Under the design concept of introducing buffering and energy absorption mechanisms, the metal ring structure is practically applied to engineering application and national defense engineering and obtains good economic and social benefits by the advantages of stable deformation, high specific energy consumption, stable bearing capacity, long deformation stroke, small initial impact force, convenient material taking, easy replacement and the like. Therefore, the impact-resistant energy-absorbing device in the existing design is mostly assembled by a plurality of rows of round tubes.
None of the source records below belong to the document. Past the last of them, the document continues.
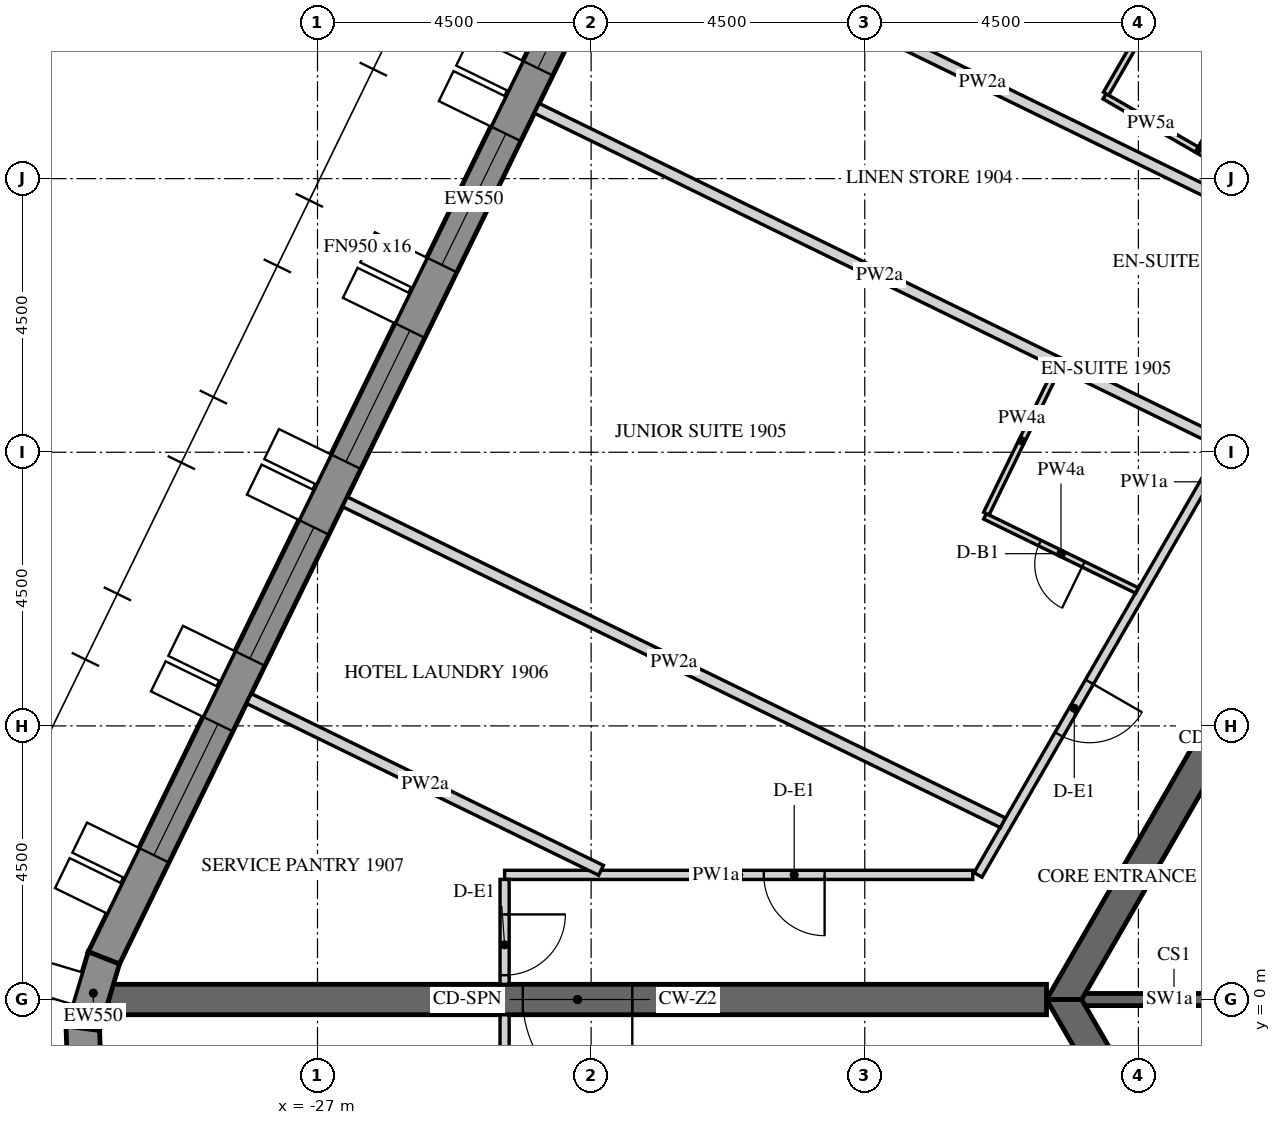
"""IFC4 building model, lengths in metres.
Left out: names, types, materials, properties, quantities, classifications, styles, units other than length and angle.
Written with IfcOpenShell. Run it as: python <this file> out.ifc"""

import sys

from ifc_helpers import new_model, si_unit, direction, frame, frame_2d, origin, place, context, subcontext, project, spatial, polyline, rectangle, outline, extrude, element, fill, save


model = new_model("IFC4")
c1 = context("Model", 3, precision=1e-05, world=origin(), true_north=direction((0.0, 1.0)))
c2 = subcontext(c1, "Body", "Model", "MODEL_VIEW")
j1 = project(units=[si_unit("LENGTHUNIT", "METRE"), si_unit("PLANEANGLEUNIT", "RADIAN")], contexts=[c1])
p1 = place(None, origin())
s1 = spatial("IfcSite", under=j1, at=p1, CompositionType="ELEMENT")
p2 = place(p1, origin())
s2 = spatial("IfcBuilding", under=s1, at=p2, CompositionType="ELEMENT")
p3 = place(p2, frame((0.0, 0.0, 238.5)))
s3 = spatial("IfcBuildingStorey", under=s2, at=p3, CompositionType="ELEMENT", Elevation=238.5)
p4 = place(p3, frame((-18.345, 25.633, -0.15), z_axis=(0.0, 0.0, 1.0), x_axis=(-0.43837181828, -0.898793718791, 0.0)))
e1 = element("IfcWall", 1, at=p4, inside=s3, PredefinedType="SOLIDWALL", context=c2, shape_type="SweptSolid", body=[
    extrude(outline(polyline([(-0.026, -0.275), (27.78, -0.275), (27.735, 0.275), (0.026, 0.275), (-0.026, -0.275)])), origin(), (0.0, 0.0, 1.0), 3.9),
])
p5 = place(p4, frame((1.879, 0.0, 1.05)))
e2 = element("IfcOpeningElement", 2, at=p5, cuts=e1, PredefinedType="OPENING", context=c2, shape_type="SweptSolid", body=[
    extrude(rectangle(XDim=2.4, YDim=2.4, at=frame_2d((1.2, 1.2))), frame((0.0, 0.285, 0.0), z_axis=(0.0, -1.0, 0.0), x_axis=(1.0, 0.0, 0.0)), (0.0, 0.0, 1.0), 0.57),
])
p6 = place(p4, frame((5.479, 0.0, 1.05)))
e3 = element("IfcOpeningElement", 3, at=p6, cuts=e1, PredefinedType="OPENING", context=c2, shape_type="SweptSolid", body=[
    extrude(rectangle(XDim=2.4, YDim=2.4, at=frame_2d((1.2, 1.2))), frame((0.0, 0.285, 0.0), z_axis=(0.0, -1.0, 0.0), x_axis=(1.0, 0.0, 0.0)), (0.0, 0.0, 1.0), 0.57),
])
p7 = place(p4, frame((9.079, 0.0, 1.05)))
e4 = element("IfcOpeningElement", 4, at=p7, cuts=e1, PredefinedType="OPENING", context=c2, shape_type="SweptSolid", body=[
    extrude(rectangle(XDim=2.4, YDim=2.4, at=frame_2d((1.2, 1.2))), frame((0.0, 0.285, 0.0), z_axis=(0.0, -1.0, 0.0), x_axis=(1.0, 0.0, 0.0)), (0.0, 0.0, 1.0), 0.57),
])
p8 = place(p4, frame((12.679, 0.0, 1.05)))
e5 = element("IfcOpeningElement", 5, at=p8, cuts=e1, PredefinedType="OPENING", context=c2, shape_type="SweptSolid", body=[
    extrude(rectangle(XDim=2.4, YDim=2.4, at=frame_2d((1.2, 1.2))), frame((0.0, 0.285, 0.0), z_axis=(0.0, -1.0, 0.0), x_axis=(1.0, 0.0, 0.0)), (0.0, 0.0, 1.0), 0.57),
])
p9 = place(p4, frame((16.279, 0.0, 1.05)))
e6 = element("IfcOpeningElement", 6, at=p9, cuts=e1, PredefinedType="OPENING", context=c2, shape_type="SweptSolid", body=[
    extrude(rectangle(XDim=2.4, YDim=2.4, at=frame_2d((1.2, 1.2))), frame((0.0, 0.285, 0.0), z_axis=(0.0, -1.0, 0.0), x_axis=(1.0, 0.0, 0.0)), (0.0, 0.0, 1.0), 0.57),
])
p10 = place(p4, frame((19.879, 0.0, 1.05)))
e7 = element("IfcOpeningElement", 7, at=p10, cuts=e1, PredefinedType="OPENING", context=c2, shape_type="SweptSolid", body=[
    extrude(rectangle(XDim=2.4, YDim=2.4, at=frame_2d((1.2, 1.2))), frame((0.0, 0.285, 0.0), z_axis=(0.0, -1.0, 0.0), x_axis=(1.0, 0.0, 0.0)), (0.0, 0.0, 1.0), 0.57),
])
p11 = place(p4, frame((23.479, 0.0, 1.05)))
e8 = element("IfcOpeningElement", 8, at=p11, cuts=e1, PredefinedType="OPENING", context=c2, shape_type="SweptSolid", body=[
    extrude(rectangle(XDim=2.4, YDim=2.4, at=frame_2d((1.2, 1.2))), frame((0.0, 0.285, 0.0), z_axis=(0.0, -1.0, 0.0), x_axis=(1.0, 0.0, 0.0)), (0.0, 0.0, 1.0), 0.57),
])
p12 = place(p3, frame((-30.513, 0.684, -0.15), z_axis=(0.0, 0.0, 1.0), x_axis=(-0.286736058109, -0.958009620505, 0.0)))
e9 = element("IfcWall", 9, at=p12, inside=s3, PredefinedType="SOLIDWALL", context=c2, shape_type="SweptSolid", body=[
    extrude(outline(polyline([(-0.022, -0.275), (1.253, -0.275), (1.163, 0.275), (0.022, 0.275), (-0.022, -0.275)])), origin(), (0.0, 0.0, 1.0), 3.9),
])
p13 = place(p3, frame((-30.86, -0.473, -0.15), z_axis=(0.0, 0.0, 1.0), x_axis=(0.03495638276, -0.999388838893, 0.0)))
e10 = element("IfcWall", 10, at=p13, inside=s3, PredefinedType="SOLIDWALL", context=c2, shape_type="SweptSolid", body=[
    extrude(outline(polyline([(-0.045, -0.275), (1.253, -0.275), (1.163, 0.275), (0.045, 0.275), (-0.045, -0.275)])), origin(), (0.0, 0.0, 1.0), 3.9),
])
p14 = place(p3, frame((-7.361, 12.75, -0.15), z_axis=(0.0, 0.0, 1.0), x_axis=(-0.50000571537, -0.866022103989, 0.0)))
e11 = element("IfcWall", 11, at=p14, inside=s3, PredefinedType="SHEAR", context=c2, shape_type="SweptSolid", body=[
    extrude(outline(polyline([(-0.144, -0.25), (14.867, -0.25), (14.578, 0.25), (0.144, 0.25), (-0.144, -0.25)])), origin(), (0.0, 0.0, 1.0), 3.9),
])
p15 = place(p14, frame((6.49, 0.0, 0.15)))
e12 = element("IfcOpeningElement", 12, at=p15, cuts=e11, PredefinedType="OPENING", context=c2, shape_type="SweptSolid", body=[
    extrude(rectangle(XDim=1.8, YDim=2.4, at=frame_2d((0.9, 1.2))), frame((0.0, 0.26, 0.0), z_axis=(0.0, -1.0, 0.0), x_axis=(1.0, 0.0, 0.0)), (0.0, 0.0, 1.0), 0.52),
])
p16 = place(p3, frame((-14.722, 0.0, -0.15), z_axis=(0.0, 0.0, 1.0), x_axis=(0.50000571537, -0.866022103989, 0.0)))
e13 = element("IfcWall", 13, at=p16, inside=s3, PredefinedType="SHEAR", context=c2, shape_type="SweptSolid", body=[
    extrude(outline(polyline([(-0.144, -0.25), (14.867, -0.25), (14.578, 0.25), (0.144, 0.25), (-0.144, -0.25)])), origin(), (0.0, 0.0, 1.0), 3.9),
])
p17 = place(p16, frame((6.432, 0.0, 0.15)))
e14 = element("IfcOpeningElement", 14, at=p17, cuts=e13, PredefinedType="OPENING", context=c2, shape_type="SweptSolid", body=[
    extrude(rectangle(XDim=1.8, YDim=2.4, at=frame_2d((0.9, 1.2))), frame((0.0, 0.26, 0.0), z_axis=(0.0, -1.0, 0.0), x_axis=(1.0, 0.0, 0.0)), (0.0, 0.0, 1.0), 0.52),
])
p18 = place(p3, frame((-15.011, 0.0, -0.15), z_axis=(0.0, 0.0, 1.0), x_axis=(-1.0, 0.0, 0.0)))
e15 = element("IfcWall", 15, at=p18, inside=s3, PredefinedType="SHEAR", context=c2, shape_type="SweptSolid", body=[
    extrude(rectangle(XDim=15.424, YDim=0.5, at=frame_2d((7.712, 0.0))), origin(), (0.0, 0.0, 1.0), 3.9),
])
p19 = place(p18, frame((6.812, 0.0, 0.15)))
e16 = element("IfcOpeningElement", 16, at=p19, cuts=e15, PredefinedType="OPENING", context=c2, shape_type="SweptSolid", body=[
    extrude(rectangle(XDim=1.8, YDim=2.4, at=frame_2d((0.9, 1.2))), frame((0.0, 0.26, 0.0), z_axis=(0.0, -1.0, 0.0), x_axis=(1.0, 0.0, 0.0)), (0.0, 0.0, 1.0), 0.52),
])
p20 = place(p3, frame((-11.547, 0.0, -0.15), z_axis=(0.0, 0.0, 1.0), x_axis=(-1.0, 0.0, 0.0)))
e17 = element("IfcWall", 17, at=p20, inside=s3, PredefinedType="SHEAR", context=c2, shape_type="SweptSolid", body=[
    extrude(rectangle(XDim=2.887, YDim=0.2, at=frame_2d((1.443, 0.0))), origin(), (0.0, 0.0, 1.0), 3.9),
])
p21 = place(p3, frame((-8.673, 14.978, 0.0), z_axis=(0.0, 0.0, 1.0), x_axis=(-0.50000700621, -0.86602135871, 0.0)))
e18 = element("IfcWall", 18, at=p21, inside=s3, PredefinedType="PARTITIONING", context=c2, shape_type="SweptSolid", body=[
    extrude(rectangle(XDim=14.928, YDim=0.15, at=frame_2d((7.464, 0.0))), origin(), (0.0, 0.0, 1.0), 2.838),
])
p22 = place(p21, frame((4.454, 0.0, 0.0)))
e19 = element("IfcOpeningElement", 19, at=p22, cuts=e18, PredefinedType="OPENING", context=c2, shape_type="SweptSolid", body=[
    extrude(rectangle(XDim=1.0, YDim=2.1, at=frame_2d((0.5, 1.05))), frame((0.0, 0.085, 0.0), z_axis=(0.0, -1.0, 0.0), x_axis=(1.0, 0.0, 0.0)), (0.0, 0.0, 1.0), 0.17),
])
p23 = place(p21, frame((11.264, 0.0, 0.0)))
e20 = element("IfcOpeningElement", 20, at=p23, cuts=e18, PredefinedType="OPENING", context=c2, shape_type="SweptSolid", body=[
    extrude(rectangle(XDim=1.0, YDim=2.1, at=frame_2d((0.5, 1.05))), frame((0.0, 0.085, 0.0), z_axis=(0.0, -1.0, 0.0), x_axis=(1.0, 0.0, 0.0)), (0.0, 0.0, 1.0), 0.17),
])
p24 = place(p3, frame((-16.224, 2.05, 0.0), z_axis=(0.0, 0.0, 1.0), x_axis=(-1.0, 0.0, 0.0)))
e21 = element("IfcWall", 21, at=p24, inside=s3, PredefinedType="PARTITIONING", context=c2, shape_type="SweptSolid", body=[
    extrude(rectangle(XDim=7.699, YDim=0.15, at=frame_2d((3.85, 0.0))), origin(), (0.0, 0.0, 1.0), 2.838),
])
p25 = place(p24, frame((2.437, 0.0, 0.0)))
e22 = element("IfcOpeningElement", 22, at=p25, cuts=e21, PredefinedType="OPENING", context=c2, shape_type="SweptSolid", body=[
    extrude(rectangle(XDim=1.0, YDim=2.1, at=frame_2d((0.5, 1.05))), frame((0.0, 0.085, 0.0), z_axis=(0.0, -1.0, 0.0), x_axis=(1.0, 0.0, 0.0)), (0.0, 0.0, 1.0), 0.17),
])
p26 = place(p3, frame((-23.923, 1.975, 0.0), z_axis=(0.0, 0.0, 1.0), x_axis=(0.0, -1.0, 0.0)))
e23 = element("IfcWall", 23, at=p26, inside=s3, PredefinedType="PARTITIONING", context=c2, shape_type="SweptSolid", body=[
    extrude(rectangle(XDim=1.725, YDim=0.15, at=frame_2d((0.863, 0.0))), origin(), (0.0, 0.0, 1.0), 2.838),
])
p27 = place(p26, frame((0.575, 0.0, 0.0)))
e24 = element("IfcOpeningElement", 24, at=p27, cuts=e23, PredefinedType="OPENING", context=c2, shape_type="SweptSolid", body=[
    extrude(rectangle(XDim=1.0, YDim=2.1, at=frame_2d((0.5, 1.05))), frame((0.0, 0.085, 0.0), z_axis=(0.0, -1.0, 0.0), x_axis=(1.0, 0.0, 0.0)), (0.0, 0.0, 1.0), 0.17),
])
p28 = place(p3, frame((-23.923, -0.25, 0.0), z_axis=(0.0, 0.0, 1.0), x_axis=(0.0, -1.0, 0.0)))
e25 = element("IfcWall", 25, at=p28, inside=s3, PredefinedType="PARTITIONING", context=c2, shape_type="SweptSolid", body=[
    extrude(rectangle(XDim=1.8, YDim=0.15, at=frame_2d((0.9, 0.0))), origin(), (0.0, 0.0, 1.0), 2.838),
])
p29 = place(p3, frame((-10.138, 12.591, 0.0), z_axis=(0.0, 0.0, 1.0), x_axis=(-0.866051307416, 0.49995513091, 0.0)))
e26 = element("IfcWall", 26, at=p29, inside=s3, PredefinedType="PARTITIONING", context=c2, shape_type="SweptSolid", body=[
    extrude(rectangle(XDim=2.725, YDim=0.1, at=frame_2d((1.362, 0.0))), origin(), (0.0, 0.0, 1.0), 2.838),
])
p30 = place(p3, frame((-12.541, 13.978, 0.0), z_axis=(0.0, 0.0, 1.0), x_axis=(-0.866036909293, 0.499980071345, 0.0)))
e27 = element("IfcWall", 27, at=p30, inside=s3, PredefinedType="PARTITIONING", context=c2, shape_type="SweptSolid", body=[
    extrude(rectangle(XDim=1.75, YDim=0.1, at=frame_2d((0.875, 0.0))), origin(), (0.0, 0.0, 1.0), 2.838),
])
p31 = place(p3, frame((-14.031, 14.896, 0.0), z_axis=(0.0, 0.0, 1.0), x_axis=(0.499996545922, 0.866027397988, 0.0)))
e28 = element("IfcWall", 28, at=p31, inside=s3, PredefinedType="PARTITIONING", context=c2, shape_type="SweptSolid", body=[
    extrude(rectangle(XDim=2.75, YDim=0.1, at=frame_2d((1.375, 0.0))), origin(), (0.0, 0.0, 1.0), 2.838),
])
p32 = place(p3, frame((-21.815, 17.892, 0.0), z_axis=(0.0, 0.0, 1.0), x_axis=(0.898799253997, -0.438360469265, 0.0)))
e29 = element("IfcWall", 29, at=p32, inside=s3, PredefinedType="PARTITIONING", context=c2, shape_type="SweptSolid", body=[
    extrude(rectangle(XDim=12.794, YDim=0.18, at=frame_2d((6.397, 0.0))), origin(), (0.0, 0.0, 1.0), 2.838),
])
p33 = place(p3, frame((-11.123, 16.335, 0.0), z_axis=(0.0, 0.0, 1.0), x_axis=(-0.499980770555, -0.866036505625, 0.0)))
e30 = element("IfcWall", 30, at=p33, inside=s3, PredefinedType="PARTITIONING", context=c2, shape_type="SweptSolid", body=[
    extrude(rectangle(XDim=2.7, YDim=0.1, at=frame_2d((1.35, 0.0))), origin(), (0.0, 0.0, 1.0), 2.838),
])
p34 = place(p3, frame((-23.393, 14.656, 0.0), z_axis=(0.0, 0.0, 1.0), x_axis=(0.898790706576, -0.43837799417, 0.0)))
e31 = element("IfcWall", 31, at=p34, inside=s3, PredefinedType="PARTITIONING", context=c2, shape_type="SweptSolid", body=[
    extrude(rectangle(XDim=12.542, YDim=0.18, at=frame_2d((6.271, 0.0))), origin(), (0.0, 0.0, 1.0), 2.838),
])
p35 = place(p3, frame((-13.523, 6.727, 0.0), z_axis=(0.0, 0.0, 1.0), x_axis=(-0.89880809785, 0.438342335668, 0.0)))
e32 = element("IfcWall", 32, at=p35, inside=s3, PredefinedType="PARTITIONING", context=c2, shape_type="SweptSolid", body=[
    extrude(rectangle(XDim=2.781, YDim=0.1, at=frame_2d((1.391, 0.0))), origin(), (0.0, 0.0, 1.0), 2.838),
])
p36 = place(p35, frame((0.981, 0.0, 0.0)))
e33 = element("IfcOpeningElement", 33, at=p36, cuts=e32, PredefinedType="OPENING", context=c2, shape_type="SweptSolid", body=[
    extrude(rectangle(XDim=0.8, YDim=2.1, at=frame_2d((0.4, 1.05))), frame((0.0, 0.06, 0.0), z_axis=(0.0, -1.0, 0.0), x_axis=(1.0, 0.0, 0.0)), (0.0, 0.0, 1.0), 0.12),
])
p37 = place(p3, frame((-16.001, 7.991, 0.0), z_axis=(0.0, 0.0, 1.0), x_axis=(0.438344066549, 0.89880725371, 0.0)))
e34 = element("IfcWall", 34, at=p37, inside=s3, PredefinedType="PARTITIONING", context=c2, shape_type="SweptSolid", body=[
    extrude(rectangle(XDim=2.66, YDim=0.1, at=frame_2d((1.33, 0.0))), origin(), (0.0, 0.0, 1.0), 2.838),
])
p38 = place(p3, frame((-26.549, 8.185, 0.0), z_axis=(0.0, 0.0, 1.0), x_axis=(0.8987965099, -0.438366095623, 0.0)))
e35 = element("IfcWall", 35, at=p38, inside=s3, PredefinedType="PARTITIONING", context=c2, shape_type="SweptSolid", body=[
    extrude(rectangle(XDim=12.039, YDim=0.18, at=frame_2d((6.019, 0.0))), origin(), (0.0, 0.0, 1.0), 2.838),
])
p39 = place(p3, frame((-28.127, 4.949, 0.0), z_axis=(0.0, 0.0, 1.0), x_axis=(0.898795032868, -0.438369124017, 0.0)))
e36 = element("IfcWall", 36, at=p39, inside=s3, PredefinedType="PARTITIONING", context=c2, shape_type="SweptSolid", body=[
    extrude(rectangle(XDim=6.442, YDim=0.18, at=frame_2d((3.221, 0.0))), origin(), (0.0, 0.0, 1.0), 2.838),
])
p40 = place(p7, frame((0.0, 0.205, 0.0)))
e37 = element("IfcWindow", 37, at=p40, inside=s3, PartitioningType="DOUBLE_PANEL_VERTICAL", PredefinedType="WINDOW", context=c2, shape_type="SweptSolid", body=[
    extrude(rectangle(XDim=2.4, YDim=2.4, at=frame_2d((1.2, 1.2))), frame((0.0, 0.03, 0.0), z_axis=(0.0, -1.0, 0.0), x_axis=(1.0, 0.0, 0.0)), (0.0, 0.0, 1.0), 0.06),
])
fill(e4, e37)
p41 = place(p8, frame((0.0, 0.205, 0.0)))
e38 = element("IfcWindow", 38, at=p41, inside=s3, PartitioningType="DOUBLE_PANEL_VERTICAL", PredefinedType="WINDOW", context=c2, shape_type="SweptSolid", body=[
    extrude(rectangle(XDim=2.4, YDim=2.4, at=frame_2d((1.2, 1.2))), frame((0.0, 0.03, 0.0), z_axis=(0.0, -1.0, 0.0), x_axis=(1.0, 0.0, 0.0)), (0.0, 0.0, 1.0), 0.06),
])
fill(e5, e38)
p42 = place(p9, frame((0.0, 0.205, 0.0)))
e39 = element("IfcWindow", 39, at=p42, inside=s3, PartitioningType="DOUBLE_PANEL_VERTICAL", PredefinedType="WINDOW", context=c2, shape_type="SweptSolid", body=[
    extrude(rectangle(XDim=2.4, YDim=2.4, at=frame_2d((1.2, 1.2))), frame((0.0, 0.03, 0.0), z_axis=(0.0, -1.0, 0.0), x_axis=(1.0, 0.0, 0.0)), (0.0, 0.0, 1.0), 0.06),
])
fill(e6, e39)
p43 = place(p10, frame((0.0, 0.205, 0.0)))
e40 = element("IfcWindow", 40, at=p43, inside=s3, PartitioningType="DOUBLE_PANEL_VERTICAL", PredefinedType="WINDOW", context=c2, shape_type="SweptSolid", body=[
    extrude(rectangle(XDim=2.4, YDim=2.4, at=frame_2d((1.2, 1.2))), frame((0.0, 0.03, 0.0), z_axis=(0.0, -1.0, 0.0), x_axis=(1.0, 0.0, 0.0)), (0.0, 0.0, 1.0), 0.06),
])
fill(e7, e40)
p44 = place(p11, frame((0.0, 0.205, 0.0)))
e41 = element("IfcWindow", 41, at=p44, inside=s3, PartitioningType="DOUBLE_PANEL_VERTICAL", PredefinedType="WINDOW", context=c2, shape_type="SweptSolid", body=[
    extrude(rectangle(XDim=2.4, YDim=2.4, at=frame_2d((1.2, 1.2))), frame((0.0, 0.03, 0.0), z_axis=(0.0, -1.0, 0.0), x_axis=(1.0, 0.0, 0.0)), (0.0, 0.0, 1.0), 0.06),
])
fill(e8, e41)
p45 = place(p19, origin())
e42 = element("IfcDoor", 42, at=p45, inside=s3, OperationType="DOUBLE_DOOR_SINGLE_SWING", PredefinedType="DOOR", context=c2, shape_type="SweptSolid", body=[
    extrude(rectangle(XDim=1.8, YDim=2.4, at=frame_2d((0.9, 1.2))), frame((0.0, 0.025, 0.0), z_axis=(0.0, -1.0, 0.0), x_axis=(1.0, 0.0, 0.0)), (0.0, 0.0, 1.0), 0.05),
])
fill(e16, e42)
p46 = place(p23, origin())
e43 = element("IfcDoor", 43, at=p46, inside=s3, OperationType="SINGLE_SWING_LEFT", PredefinedType="DOOR", context=c2, shape_type="SweptSolid", body=[
    extrude(rectangle(XDim=1.0, YDim=2.1, at=frame_2d((0.5, 1.05))), frame((0.0, 0.025, 0.0), z_axis=(0.0, -1.0, 0.0), x_axis=(1.0, 0.0, 0.0)), (0.0, 0.0, 1.0), 0.05),
])
fill(e20, e43)
p47 = place(p36, origin())
e44 = element("IfcDoor", 44, at=p47, inside=s3, OperationType="SINGLE_SWING_RIGHT", PredefinedType="DOOR", context=c2, shape_type="SweptSolid", body=[
    extrude(rectangle(XDim=0.8, YDim=2.1, at=frame_2d((0.4, 1.05))), frame((0.0, 0.025, 0.0), z_axis=(0.0, -1.0, 0.0), x_axis=(1.0, 0.0, 0.0)), (0.0, 0.0, 1.0), 0.05),
])
fill(e33, e44)
p48 = place(p25, origin())
e45 = element("IfcDoor", 45, at=p48, inside=s3, OperationType="SINGLE_SWING_RIGHT", PredefinedType="DOOR", context=c2, shape_type="SweptSolid", body=[
    extrude(rectangle(XDim=1.0, YDim=2.1, at=frame_2d((0.5, 1.05))), frame((0.0, 0.025, 0.0), z_axis=(0.0, -1.0, 0.0), x_axis=(1.0, 0.0, 0.0)), (0.0, 0.0, 1.0), 0.05),
])
fill(e22, e45)
p49 = place(p27, origin())
e46 = element("IfcDoor", 46, at=p49, inside=s3, OperationType="SINGLE_SWING_LEFT", PredefinedType="DOOR", context=c2, shape_type="SweptSolid", body=[
    extrude(rectangle(XDim=1.0, YDim=2.1, at=frame_2d((0.5, 1.05))), frame((0.0, 0.025, 0.0), z_axis=(0.0, -1.0, 0.0), x_axis=(1.0, 0.0, 0.0)), (0.0, 0.0, 1.0), 0.05),
])
fill(e24, e46)
save(model, sys.argv[1])

However, during impact, the lateral splashing of the pipe reduces the energy absorption efficiency and may cause secondary damage. To overcome this drawback, two methods are generally adopted in engineering: firstly, mounting a fixed baffle with high strength at the boundary of the circular tube array to restrain the transverse expansion of the circular tube array; secondly, the circular tubes are fixed by welding or bolts, and the relative movement between the circular tubes is restrained. However, both of these approaches add to varying degrees time and labor costs to the installation, and are not ideal, particularly in emergency situations and the like. In order to overcome the defect of the flexibility of a round tube system, a self-locking dumbbell-shaped thin-walled tube structure is proposed previously, the system can form an energy absorption device through staggered arrangement, a boundary constraint and a connecting device are not needed, the system can deal with specific unidirectional impact, and splashing can still be generated when the system is dealt with impact in other directions.
Therefore, an energy absorption structure which can cope with the impact in any direction of the space and is convenient to disassemble and assemble is found, the impact protection in any direction of the space can be coped with, the material, time and labor cost of disassembly and assembly can be reduced, an impact-resistant protection system can be quickly and efficiently set up according to the requirement, the energy absorption structure is a significant work, and the energy absorption structure has important values for improving the material utilization rate, quickly setting up the impact-resistant protection system and reducing the loss of lives and properties.
Disclosure of Invention
The invention aims to provide a multi-dimensional self-locking thin-wall ball string energy absorption system, which is an energy absorption device which is easy to disassemble and assemble, is economical and practical, and provides more convenient, rapid, economical and safe guarantee for protecting against impact collision and explosion.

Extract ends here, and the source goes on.